The authors propose a unified framework exploiting proximal operators to derive SAEs from the dictionary learning problem. This approach establishes a formal connection between sparsity-inducing regularizers and activation functions commonly used in SAEs.

Figure 1: AbsTopK enables single latent features to encode opposing concepts by leveraging both positive and negative activations.

Proximal Gradient Method

The proximal gradient method is applied to the sparse coding problem, yielding the proximal operator: $z^{(1)} = \operatorname{prox}_{\lambda R}(W^\top x + b_{\text{e}})$ where $R$ is a sparsity-inducing regularizer. This step leads to a single-layer neural network instantiation, characteristic of SAEs. The newly proposed AbsTopK removes the non-negativity constraint inherent in other SAEs by leveraging an $\ell_0$ norm-based thresholding method, simplifying the integration of bidirectional semantic features.

Experiments

The empirical validation involved comprehensive testing across four LLMs, including Qwen3 4B and Gemma2-2B, using AbsTopK, TopK, and JumpReLU variants. Metrics such as MSE training loss, normalized reconstruction error, and cross-entropy loss recovery were employed to evaluate the approaches.

Figure 2: Performance comparison of JumpReLU, TopK, and AbsTopK SAEs on Qwen3 4B Layer 20, illustrating significant error reduction and model fidelity preservation.

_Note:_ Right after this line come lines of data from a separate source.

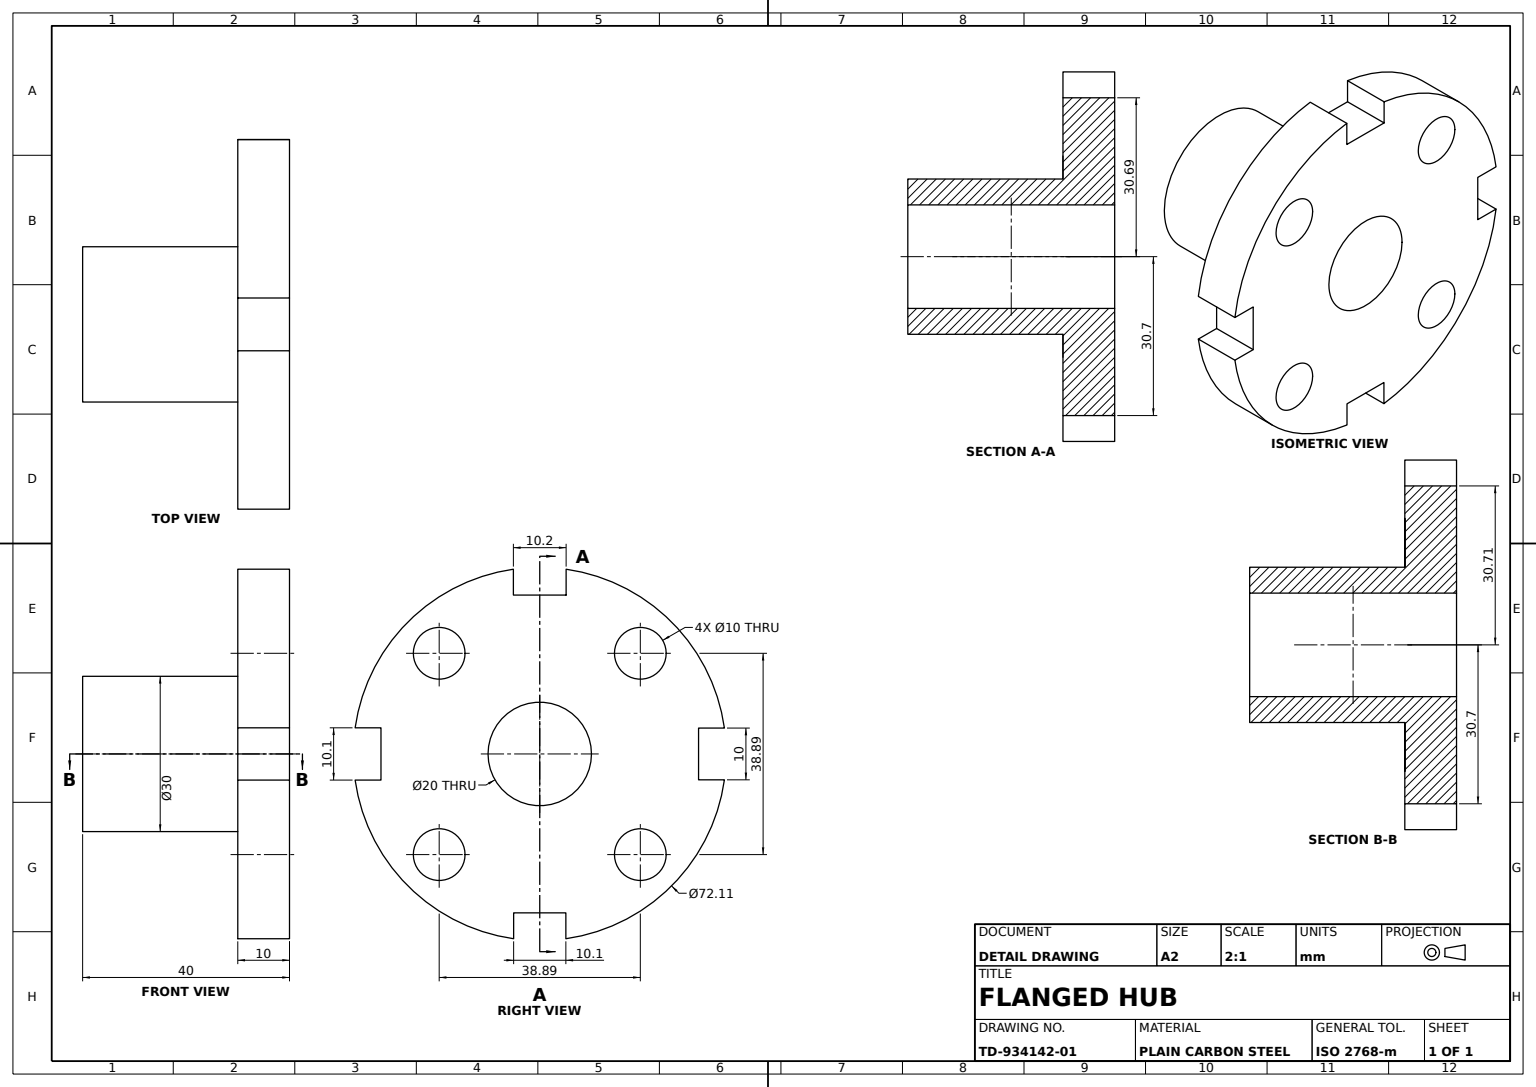
from build123d import *

# Parameters (mm, degrees)
FLANGE_PLATE_DEPTH         = 10
MOUNTING_HOLES_SKETCH_R    = 5
MOUNTING_HOLES_4X_10_DEPTH = 10
HUB_SKETCH_R               = 15
HUB_30_DEPTH               = 30
HUB_BORE_SKETCH_R          = 10
HUB_BORE_20_DEPTH          = 30
FLANGE_BORE_SKETCH_R       = 10
FLANGE_BORE_20_DEPTH       = 30


with BuildPart() as part:
    # Flange Profile Sketch → Flange Plate (new body)
    with BuildSketch(Plane.XY):
        with BuildLine():
            Line((0, 30.693136595), (5.099019514, 30.693136595))
            Line((5.099019514, 30.693136595), (5.099019514, 35.693136595))
            ThreePointArc((5.099019514, 35.693136595), (25.513031554, 25.477150958), (35.700277365, 5.048781643))
            Line((35.700277365, 5.048781643), (30.700277365, 5.048781643))
            Line((30.700277365, 5.048781643), (30.700277365, 0))
            Line((30.700277365, 0), (30.700277365, -5.048781643))
            Line((30.700277365, -5.048781643), (35.700277365, -5.048781643))
            ThreePointArc((35.700277365, -5.048781643), (25.495097568, -25.495097568), (5.048781643, -35.700277365))
            Line((5.048781643, -35.700277365), (5.048781643, -30.700277365))
            Line((5.048781643, -30.700277365), (0, -30.700277365))
            Line((0, -30.700277365), (-5.048781643, -30.700277365))
            Line((-5.048781643, -30.700277365), (-5.048781643, -35.700277365))
            ThreePointArc((-5.048781643, -35.700277365), (-25.512508471, -25.477674767), (-35.707142143, -5))
            Line((-35.707142143, -5), (-30.707142143, -5))
            Line((-30.707142143, -5), (-30.707142143, 0))
            Line((-30.707142143, 0), (-30.707142143, 5))
            Line((-30.707142143, 5), (-35.707142143, 5))
            ThreePointArc((-35.707142143, 5), (-25.530430192, 25.45971591), (-5.099019514, 35.693136595))
            Line((-5.099019514, 35.693136595), (-5.099019514, 30.693136595))
            Line((-5.099019514, 30.693136595), (0, 30.693136595))
        make_face()
    extrude(amount=FLANGE_PLATE_DEPTH)

    # Mounting Holes Sketch → Mounting Holes 4xØ10 (cut)
    with BuildSketch(Plane.XY.offset(10)):
        with Locations((19.445436483, 19.445436483)):
            Circle(MOUNTING_HOLES_SKETCH_R)
        with Locations((19.445436483, -19.445436483)):
            Circle(MOUNTING_HOLES_SKETCH_R)
        with Locations((-19.445436483, -19.445436483)):
            Circle(MOUNTING_HOLES_SKETCH_R)
        with Locations((-19.445436483, 19.445436483)):
            Circle(MOUNTING_HOLES_SKETCH_R)
    extrude(amount=-MOUNTING_HOLES_4X_10_DEPTH, mode=Mode.SUBTRACT)

    # Hub Sketch → Hub Ø30 (add)
    with BuildSketch(Plane.XY.offset(10)):
        Circle(HUB_SKETCH_R)
    extrude(amount=HUB_30_DEPTH)

    # Hub Bore Sketch → Hub Bore Ø20 (cut)
    with BuildSketch(Plane.XY.offset(40)):
        Circle(HUB_BORE_SKETCH_R)
    extrude(amount=-HUB_BORE_20_DEPTH, mode=Mode.SUBTRACT)

    # Flange Bore Sketch → Flange Bore Ø20 (cut)
    with BuildSketch(Plane.XY.offset(10)):
        Circle(FLANGE_BORE_SKETCH_R)
    extrude(amount=-FLANGE_BORE_20_DEPTH, mode=Mode.SUBTRACT)


solid = part.part

Figure 3: Performance comparison of SAE variants across tasks on Qwen3-4B Layer 18, indicating overall superior task performance by AbsTopK.

AbsTopK consistently outperformed other variants, showcasing enhanced representational capacity and interpretability by allowing a single feature to compactly encode contrasting semantic directions (e.g., male vs. female).

Results on Steering and Probing Tasks

AbsTopK was assessed on steering tasks, demonstrating its adeptness in controlled intervention within LLMs without severely compromising broader model competencies. This contrasts with simpler methods like Difference-in-Means (DiM), which typically necessitate labeled datasets and fail to capture multidimensional and bidirectional features inherent in LLMs efficiently.

Implications and Future Work

The introduction of AbsTopK advances the field of interpretable LLMs by enabling more coherent feature representations that align with the natural bidirectionality of semantic concepts. Future research could explore multi-step proximal updates to capture finer-grained semantic structures and optimize the computational efficiency of such enrichments in large-scale models.

Conclusion

AbsTopK addresses fundamental limitations in existing SAEs by eliminating the non-negativity constraint, thereby facilitating the identification and manipulation of bidirectional features within LLMs. Its efficacy across multiple models demonstrates its potential to augment the interpretability and control of contemporary AI systems, encouraging developments towards more nuanced and broader spectrum feature encodings. The research provides a groundwork for further exploration into efficient proximal algorithms and their applicability to various domains beyond natural language processing.